I always love returning to Barbara Hambly's Benjamin January novels. Not because Ben's New Orleans is such a great or grand place. Grand it might be, but Ben is only allowed into those places through the servants door, and he must learn to take his place among the "colored" that most people in New Orleans regard as little better than trash. In short, unless your skin is white, you are constantly in danger. Even if you have papers which proclaim your freedom, they can be torn up and you can be re-enslaved at any time, especially when most of the police are corrupt.

It's not a comfortable place to be, by any means, even for white folks. It's still subject to seasonal flooding and rampant disease, like yellow fever and cholera. At any time, fresh outbreaks can mean a flood of deaths, all of whom must be buried above the ground in mausoleums because of the high water table. And flies and all sorts of bugs and other vermin abound. So no matter who you are, most life here is not comfortable and not pretty. And as bad as the Creoles are, the Americans behavior towards slaves are even worse. At least the Creoles treat their slaves as well as they do their livestock. For the Americans... not even that well.

That's why it's never comfortable to read these books. But while comfort may be lacking, thousands of people did live in New Orleans back then, and their lives are fascinating. white, black and mixed among them. We finally get to see how Europeans react to the racism of American and those living in New Orleans, which had only been part of the United States for about 30 years at this point. And the British people in this book (because these people come from Ireland as well as England) seem to have absorbed the dominant American attitudes towards Blacks, which was kind of disappointing, considering how well Hannibal and Benjamin get on.

But considering that the two men are equally adept at making music, and that Hannibal is dying of tuberculosis and Benjamin is a doctor, perhaps there is more to explain their friendship. In any case, this was an excellent mystery and a look at life in New Orleans in the late 1830's. The characters seem real, alive and are very much of their time and place. Each book lays bare more and more of New Orleans society, both at the high and low ends, and in that peculiar place that quadroons and Octoroons seem to occupy- a place neither high nor low, sort of like the Demimondaine in France.

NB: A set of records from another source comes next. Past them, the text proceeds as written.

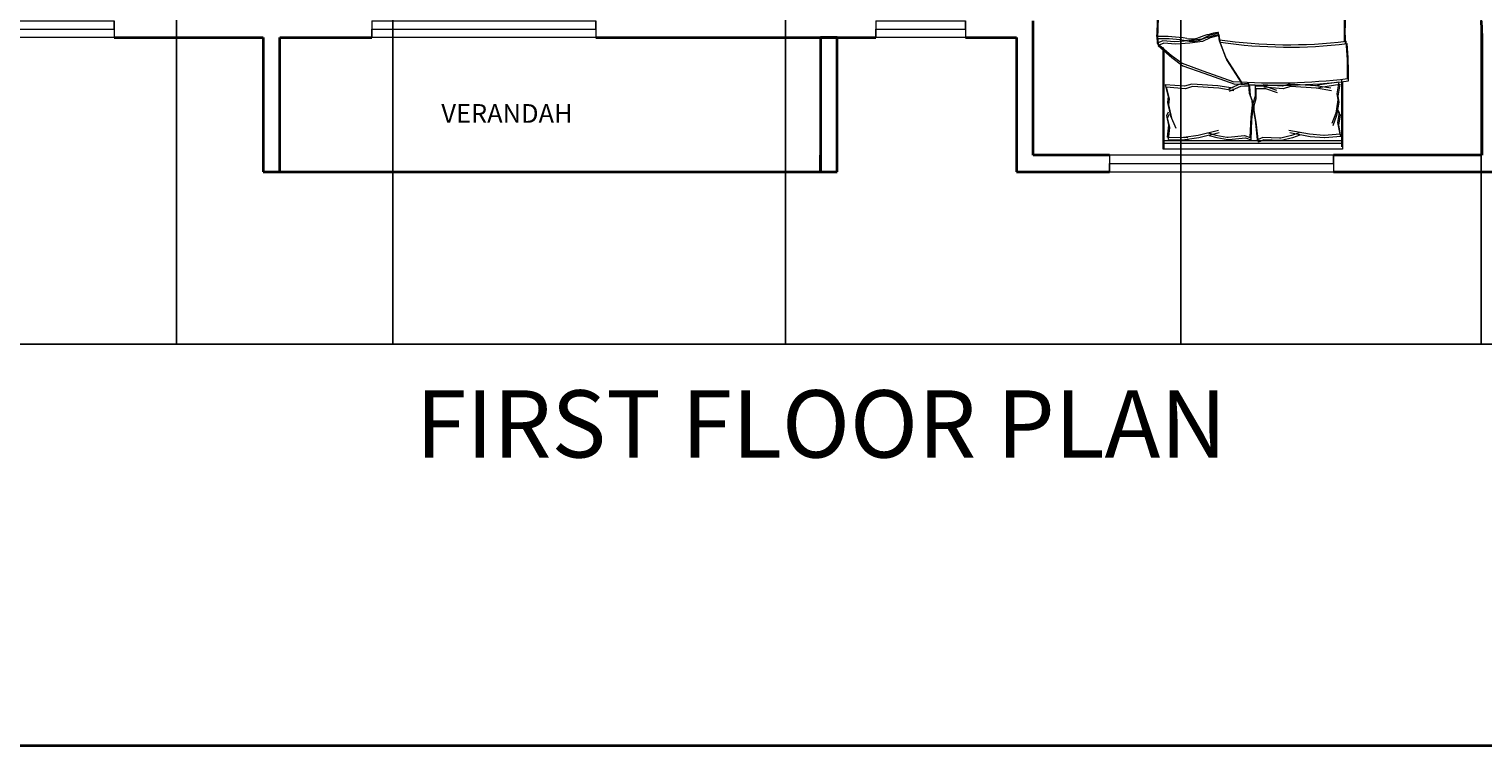
# Model space of a CAD drawing. Units: inches. Extents: x 1937 to 2996, y 1402 to 2323.
# Tile 2 of 10: x 2253 to 2643, y 1402 to 1594. Entities that reach past the tile are written whole.
import ezdxf

# ---------------------------------------------------------------- set-up
doc = ezdxf.new("R2010")
doc.units = ezdxf.units.IN
for name, color, linetype, lineweight in [('A-ANNO-DIMS', 2, 'Continuous', 18), ('A-ANNO-TTLB', 7, 'Continuous', 35), ('A-AREA-IDEN', 7, 'Continuous', 18), ('A-FURN', 8, 'Continuous', 13), ('A-GLAZ', 141, 'Continuous', 18), ('A-WALL', 7, 'Continuous', 35)]:
    doc.layers.add(name, color=color, linetype=linetype, lineweight=lineweight)
doc.styles.get("Standard").update_dxf_attribs({"font": 'arial.ttf'})
doc.dimstyles.get("Standard").update_dxf_attribs({"dimtxt": 0.18, "dimasz": 0.18, "dimexe": 0.18, "dimexo": 0.0625, "dimgap": 0.09, "dimtad": 0, "dimtih": 1, "dimtoh": 1, "dimdec": 4, "dimzin": 0, "dimdsep": 46, "dimtxsty": 'Standard', "dimcen": 0.09, "dimadec": 0, "dimazin": 0, "dimtfac": 1, "dimtdec": 4, "dimtofl": 0, "dimtmove": 0, "dimatfit": 3, "dimfxl": 1, "dimtolj": 1, "dimtzin": 0, "dimarcsym": 0})

# ---------------------------------------------------------------- blocks, each defined once
blk = doc.blocks.new('BED-DOUBLE')
for p, q in [((-24.01, -18.11), (-24.01, 0)), ((-24.01, -18.11), (-24.01, 0)), ((-24.01, 0), (24.01, 0)), ((23.78, 0), (23.78, -26.61)), ((23.78, 0), (23.78, -26.61)), ((24.01, 0), (24.01, -0.64)), ((-24.01, -1.53), (23.78, -1.53)), ((-24.01, -1.53), (23.78, -1.53)), ((-23.78, -18.75), (-23.78, -0.64)), ((-23.78, -18.75), (-23.78, -0.64)), ((-23.78, -2.17), (24.01, -2.17)), ((-23.78, -2.17), (24.01, -2.17)), ((-23.59, -3.34), (-19.3, -3.01)), ((-23.59, -3.34), (-19.31, -3.01)), ((-23.59, -3.32), (-23.01, -6.5)), ((-23.59, -3.32), (-23.01, -6.5)), ((-23.36, -3.98), (-19.08, -3.65)), ((-23.36, -3.98), (-19.08, -3.65)), ((-19.31, -3.01), (-19.2, -3.03)), ((-19.3, -3.01), (-19.2, -3.03)), ((-19.2, -3.03), (-15.38, -3.32)), ((-19.2, -3.03), (-15.38, -3.32)), ((-19.08, -3.65), (-18.97, -3.67)), ((-19.08, -3.65), (-18.97, -3.67)), ((-18.97, -3.67), (-15.15, -3.96)), ((-18.97, -3.67), (-15.15, -3.96)), ((-15.38, -3.32), (-9.88, -4.33)), ((-15.38, -3.32), (-9.88, -4.33)), ((-12.63, -3.75), (-10.61, -3.03)), ((-12.63, -3.75), (-10.61, -3.03)), ((-12.4, -4.39), (-10.38, -3.67)), ((-12.4, -4.39), (-10.38, -3.67)), ((-10.61, -3.03), (-7.71, -2.3)), ((-10.61, -3.03), (-7.71, -2.3)), ((-10.38, -3.67), (-7.49, -2.94)), ((-10.38, -3.67), (-7.49, -2.94)), ((-7.71, -2.3), (-7.39, -2.3)), ((-7.71, -2.3), (-7.39, -2.3)), ((-7.49, -2.94), (-7.16, -2.94)), ((-7.49, -2.94), (-7.16, -2.94)), ((-7.39, -2.3), (-2.95, -2.45)), ((-7.39, -2.3), (-2.95, -2.45)), ((-7.16, -2.94), (-2.72, -3.09)), ((-7.16, -2.94), (-2.72, -3.09)), ((-2.95, -2.45), (-1.5, -1.87)), ((-2.95, -2.45), (-1.5, -1.87)), ((-2.72, -3.09), (-1.27, -2.51)), ((-2.72, -3.09), (-1.27, -2.51)), ((-1.5, -1.87), (-0.92, -7.22)), ((-1.5, -1.87), (-0.92, -7.22)), ((-1.27, -2.51), (-0.7, -7.86)), ((-1.27, -2.51), (-0.7, -7.86)), ((0.49, -2.49), (0.25, -7.87)), ((0.49, -2.49), (0.25, -7.87)), ((0.72, -3.13), (0.48, -8.51)), ((0.72, -3.13), (0.48, -8.51)), ((1.97, -2.98), (0.49, -2.49)), ((1.97, -2.98), (0.49, -2.49)), ((2.2, -3.62), (0.72, -3.13)), ((2.2, -3.62), (0.72, -3.13)), ((6.4, -2.56), (1.97, -2.98)), ((6.4, -2.56), (1.97, -2.98)), ((6.63, -3.2), (2.2, -3.62)), ((6.63, -3.2), (2.2, -3.62)), ((6.72, -2.54), (6.4, -2.56)), ((6.72, -2.54), (6.4, -2.56)), ((6.95, -3.18), (6.63, -3.2)), ((6.95, -3.18), (6.63, -3.2)), ((9.65, -3.08), (6.72, -2.54)), ((9.65, -3.08), (6.72, -2.54)), ((9.88, -3.72), (6.95, -3.18)), ((9.88, -3.72), (6.95, -3.18)), ((14.43, -3.07), (9.01, -4.42)), ((14.43, -3.07), (9.01, -4.42)), ((14.66, -3.71), (9.24, -5.06)), ((14.66, -3.71), (9.24, -5.06)), ((11.72, -3.67), (9.65, -3.08)), ((11.72, -3.67), (9.65, -3.08)), ((11.94, -4.31), (9.88, -3.72)), ((11.94, -4.31), (9.88, -3.72)), ((18.23, -2.54), (14.43, -3.07)), ((18.23, -2.54), (14.43, -3.07)), ((18.46, -3.18), (14.66, -3.71)), ((18.46, -3.18), (14.66, -3.71)), ((22.63, -2.56), (17.23, -2.46)), ((17.23, -2.46), (18.23, -2.54)), ((22.63, -2.56), (17.23, -2.46)), ((17.23, -2.46), (18.23, -2.54)), ((22.86, -3.2), (17.45, -3.1)), ((17.45, -3.1), (18.46, -3.18)), ((22.86, -3.2), (17.45, -3.1)), ((17.45, -3.1), (18.46, -3.18)), ((22.63, -2.56), (22.25, -5.77)), ((22.63, -2.56), (22.25, -5.77)), ((22.86, -3.2), (22.48, -6.41)), ((22.86, -3.2), (22.48, -6.41)), ((24.01, -0.64), (24.01, -27.25)), ((24.01, -0.64), (24.01, -27.25)), ((-23.01, -6.5), (-23.45, -9.1)), ((-23.01, -6.5), (-23.45, -9.1)), ((-23.36, -3.96), (-22.78, -7.14)), ((-23.36, -3.96), (-22.78, -7.14)), ((-22.78, -7.14), (-23.22, -9.74)), ((-22.78, -7.14), (-23.22, -9.74)), ((-22.43, -8.96), (-21.42, -6.21)), ((-22.43, -8.96), (-21.42, -6.21)), ((-22.21, -9.59), (-21.19, -6.85)), ((-22.2, -9.59), (-21.19, -6.85)), ((-15.15, -3.96), (-9.65, -4.97)), ((-15.15, -3.96), (-9.65, -4.97)), ((-0.92, -7.22), (-0.35, -10.4)), ((-0.92, -7.22), (-0.35, -10.4)), ((21.83, -8.26), (20.64, -5.58)), ((21.82, -8.26), (20.64, -5.58)), ((22.05, -8.9), (20.87, -6.22)), ((22.05, -8.9), (20.87, -6.22)), ((22.25, -5.77), (22.84, -8.34)), ((22.25, -5.77), (22.84, -8.34)), ((22.48, -6.41), (23.07, -8.98)), ((22.48, -6.41), (23.07, -8.98)), ((-23.45, -9.1), (-22.87, -10.11)), ((-23.45, -9.1), (-22.87, -10.11)), ((-23.22, -9.74), (-22.64, -10.75)), ((-23.22, -9.74), (-22.64, -10.75)), ((-23.01, -12.57), (-22.43, -8.96)), ((-23.01, -12.57), (-22.43, -8.96)), ((-22.78, -13.21), (-22.2, -9.59)), ((-22.78, -13.21), (-22.21, -9.59)), ((-0.7, -7.86), (-0.12, -11.04)), ((-0.7, -7.86), (-0.12, -11.04)), ((-0.35, -10.4), (-0.35, -11.7)), ((-0.35, -10.4), (-0.35, -11.7)), ((0.25, -7.87), (-0.13, -11.08)), ((0.25, -7.87), (-0.13, -11.08)), ((-0.13, -11.08), (-0.05, -12.38)), ((-0.13, -11.08), (-0.05, -12.38)), ((-0.12, -11.04), (-0.12, -12.34)), ((-0.12, -11.04), (-0.12, -12.34)), ((0.48, -8.51), (0.1, -11.72)), ((0.48, -8.51), (0.1, -11.72)), ((22.63, -11.83), (21.82, -8.26)), ((22.63, -11.83), (21.83, -8.26)), ((22.86, -12.47), (22.05, -8.9)), ((22.86, -12.47), (22.05, -8.9)), ((22.84, -8.34), (22.33, -9.38)), ((22.84, -8.34), (22.33, -9.38)), ((23.07, -8.98), (22.56, -10.02)), ((23.07, -8.98), (22.56, -10.02)), ((-23.3, -17.34), (-22.72, -14.16)), ((-23.3, -17.34), (-22.72, -14.16)), ((-23.07, -17.98), (-22.49, -14.8)), ((-23.07, -17.98), (-22.49, -14.8)), ((-22.72, -14.16), (-23.01, -12.57)), ((-22.72, -14.16), (-23.01, -12.57)), ((-22.49, -14.8), (-22.78, -13.21)), ((-22.49, -14.8), (-22.78, -13.21)), ((-3.38, -16.26), (-6.53, -15.17)), ((-3.38, -16.26), (-6.53, -15.17)), ((-0.35, -11.7), (-0.92, -13.58)), ((-0.35, -11.7), (-0.92, -13.58)), ((-0.92, -13.58), (-0.92, -16.26)), ((-0.92, -13.58), (-0.92, -16.26)), ((-0.12, -12.34), (-0.7, -14.22)), ((-0.12, -12.34), (-0.7, -14.22)), ((-0.7, -14.22), (-0.7, -16.9)), ((-0.7, -14.22), (-0.7, -16.9)), ((-0.05, -12.38), (0.65, -14.22)), ((-0.05, -12.38), (0.65, -14.22)), ((0.1, -11.72), (0.18, -13.02)), ((0.1, -11.72), (0.18, -13.02)), ((0.18, -13.02), (0.87, -14.86)), ((0.18, -13.02), (0.87, -14.86)), ((0.65, -14.22), (0.81, -16.89)), ((0.65, -14.22), (0.81, -16.89)), ((0.87, -14.86), (1.04, -17.53)), ((0.87, -14.86), (1.04, -17.53)), ((3.27, -16.74), (6.34, -15.45)), ((3.27, -16.74), (6.34, -15.45)), ((22.44, -13.43), (22.63, -11.83)), ((22.44, -13.43), (22.63, -11.83)), ((23.21, -16.57), (22.44, -13.43)), ((23.21, -16.57), (22.44, -13.43)), ((22.67, -14.07), (22.86, -12.47)), ((22.67, -14.07), (22.86, -12.47)), ((23.44, -17.21), (22.67, -14.07)), ((23.44, -17.21), (22.67, -14.07)), ((-18.2, -16.62), (-23.3, -17.34)), ((-18.2, -16.62), (-23.3, -17.34)), ((-17.98, -17.26), (-23.07, -17.98)), ((-17.98, -17.26), (-23.07, -17.98)), ((-21.1, -15.63), (-17.07, -16.3)), ((-21.1, -15.63), (-17.07, -16.3)), ((-20.87, -16.27), (-16.84, -16.93)), ((-20.87, -16.27), (-16.84, -16.93)), ((-17.07, -16.3), (-18.2, -16.62)), ((-17.07, -16.3), (-18.2, -16.62)), ((-16.84, -16.93), (-17.98, -17.26)), ((-16.84, -16.93), (-17.98, -17.26)), ((-17.07, -16.3), (-10.06, -16.73)), ((-17.07, -16.3), (-10.06, -16.73)), ((-16.84, -16.93), (-9.83, -17.37)), ((-16.84, -16.93), (-9.83, -17.37)), ((-10.06, -16.73), (-8.1, -16.17)), ((-10.06, -16.73), (-8.1, -16.17)), ((-9.83, -17.37), (-7.87, -16.81)), ((-9.83, -17.37), (-7.87, -16.81)), ((-8.1, -16.17), (-2.97, -16.57)), ((-8.1, -16.17), (-2.97, -16.57)), ((-7.87, -16.81), (-2.74, -17.21)), ((-7.87, -16.81), (-2.74, -17.21)), ((-3.15, -16.9), (-6.3, -15.81)), ((-3.15, -16.9), (-6.3, -15.81)), ((-0.92, -16.26), (-3.38, -16.26)), ((-0.92, -16.26), (-3.38, -16.26)), ((-0.7, -16.9), (-3.15, -16.9)), ((-0.7, -16.9), (-3.15, -16.9)), ((0.81, -16.89), (3.27, -16.74)), ((0.81, -16.89), (3.27, -16.74)), ((1.04, -17.53), (3.49, -17.38)), ((1.04, -17.53), (3.49, -17.38)), ((2.77, -17.38), (6.97, -23.88)), ((2.77, -17.38), (6.96, -23.88)), ((3, -18.02), (7.19, -24.52)), ((3, -18.02), (7.19, -24.52)), ((3.49, -17.38), (6.56, -16.09)), ((3.49, -17.38), (6.56, -16.09)), ((13.16, -20.32), (4.82, -17.38)), ((13.16, -20.32), (4.82, -17.38)), ((13.39, -20.96), (5.05, -18.02)), ((13.39, -20.96), (5.05, -18.02)), ((5.08, -15.63), (9.11, -16.3)), ((5.08, -15.63), (9.11, -16.3)), ((5.31, -16.27), (9.34, -16.93)), ((5.31, -16.27), (9.34, -16.93)), ((9.11, -16.3), (16.12, -16.73)), ((9.11, -16.3), (16.12, -16.73)), ((9.34, -16.93), (16.35, -17.37)), ((9.34, -16.93), (16.35, -17.37)), ((16.12, -16.73), (18.08, -16.17)), ((16.12, -16.73), (18.08, -16.17)), ((16.35, -17.37), (18.31, -16.81)), ((16.35, -17.37), (18.31, -16.81)), ((18.08, -16.17), (23.21, -16.57)), ((18.08, -16.17), (23.21, -16.57)), ((18.31, -16.81), (23.44, -17.21)), ((18.31, -16.81), (23.44, -17.21)), ((18.74, -22.33), (13.16, -20.32)), ((18.74, -22.33), (13.16, -20.32)), ((18.96, -22.97), (13.39, -20.96)), ((18.96, -22.97), (13.39, -20.96)), ((21.68, -24.5), (18.74, -22.33)), ((21.68, -24.5), (18.74, -22.33)), ((21.91, -25.13), (18.96, -22.97)), ((21.91, -25.13), (18.96, -22.97)), ((6.96, -23.88), (8.67, -28.37)), ((6.97, -23.88), (8.67, -28.37)), ((7.19, -24.52), (8.9, -29)), ((7.19, -24.52), (8.9, -29)), ((25.38, -27.75), (21.68, -24.5)), ((25.38, -27.75), (21.68, -24.5)), ((25.61, -28.39), (21.91, -25.13)), ((25.61, -28.39), (21.91, -25.13)), ((8.67, -28.37), (8.98, -30.38)), ((8.67, -28.37), (8.98, -30.38)), ((8.9, -29), (9.21, -31.02)), ((8.9, -29), (9.21, -31.02)), ((8.98, -30.38), (11.46, -29.76)), ((8.98, -30.38), (11.46, -29.76)), ((9.21, -31.02), (11.68, -30.4)), ((9.21, -31.02), (11.68, -30.4)), ((11.46, -29.76), (13.47, -28.83)), ((11.46, -29.76), (13.47, -28.83)), ((11.68, -30.4), (13.7, -29.47)), ((11.68, -30.4), (13.7, -29.47)), ((13.47, -28.83), (16.88, -28.37)), ((13.47, -28.83), (16.88, -28.37)), ((13.7, -29.47), (17.11, -29)), ((13.7, -29.47), (17.1, -29)), ((16.88, -28.37), (20.75, -28.06)), ((16.88, -28.37), (20.75, -28.06)), ((17.1, -29), (20.98, -28.69)), ((17.11, -29), (20.98, -28.69)), ((20.75, -28.06), (23.85, -28.37)), ((20.75, -28.06), (23.85, -28.37)), ((20.98, -28.69), (24.07, -29)), ((20.98, -28.69), (24.07, -29)), ((23.85, -28.37), (25.38, -27.75)), ((23.85, -28.37), (25.38, -27.75)), ((24.07, -29), (25.61, -28.39)), ((24.07, -29), (25.61, -28.39)), ((25.46, -29.49), (25.38, -27.75, 3.87)), ((25.46, -29.49), (25.38, -27.75, 3.87)), ((25.69, -30.13), (25.61, -28.39, 3.87)), ((25.69, -30.13), (25.61, -28.39, 3.87)), ((-12.42, -79.25), (12.19, -79.25)), ((-12.42, -79.25), (12.19, -79.25)), ((-12.19, -79.88), (12.42, -79.88)), ((-12.19, -79.88), (12.42, -79.88))]:
    blk.add_line(p, q)
for centre, radius, start, end in [((57.68, -20.1), 83.31, 178.7218, 185.604), ((57.68, -20.1), 83.31, 178.7218, 185.604), ((-6.13, -182.05), 164.97, 86.0865, 96.7821), ((-6.13, -182.05), 164.97, 86.0865, 96.7821), ((57.91, -20.74), 83.31, 178.7218, 185.604), ((57.91, -20.74), 83.31, 178.7218, 185.604), ((-5.9, -182.69), 164.97, 86.0865, 96.7821), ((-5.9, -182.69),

Incidentally, the word Quadroon means 1/4 black. People back then parsed degree of "blackness" to an amazing and often insane degree, borne out that there are words for people who are partly black. A mulatto was half black, quadroon a 1/4, Octoroon 1/8, Mustee (which is rarely seen, but obviously, the word exists) 1/16 and a mustefino was 1/32. How insane does racism have to get before you have specific terms for someone who is 1/32 black?

Reading this book makes me a little angry at how Benjamin and his wife, Rose, are treated. (His mother is a quadroon and the mistress of a white man.) But on the other hand, I am drawn back to this series by just those things, and how different they are from how things are today. I highly recommend not only this book, but this entire series.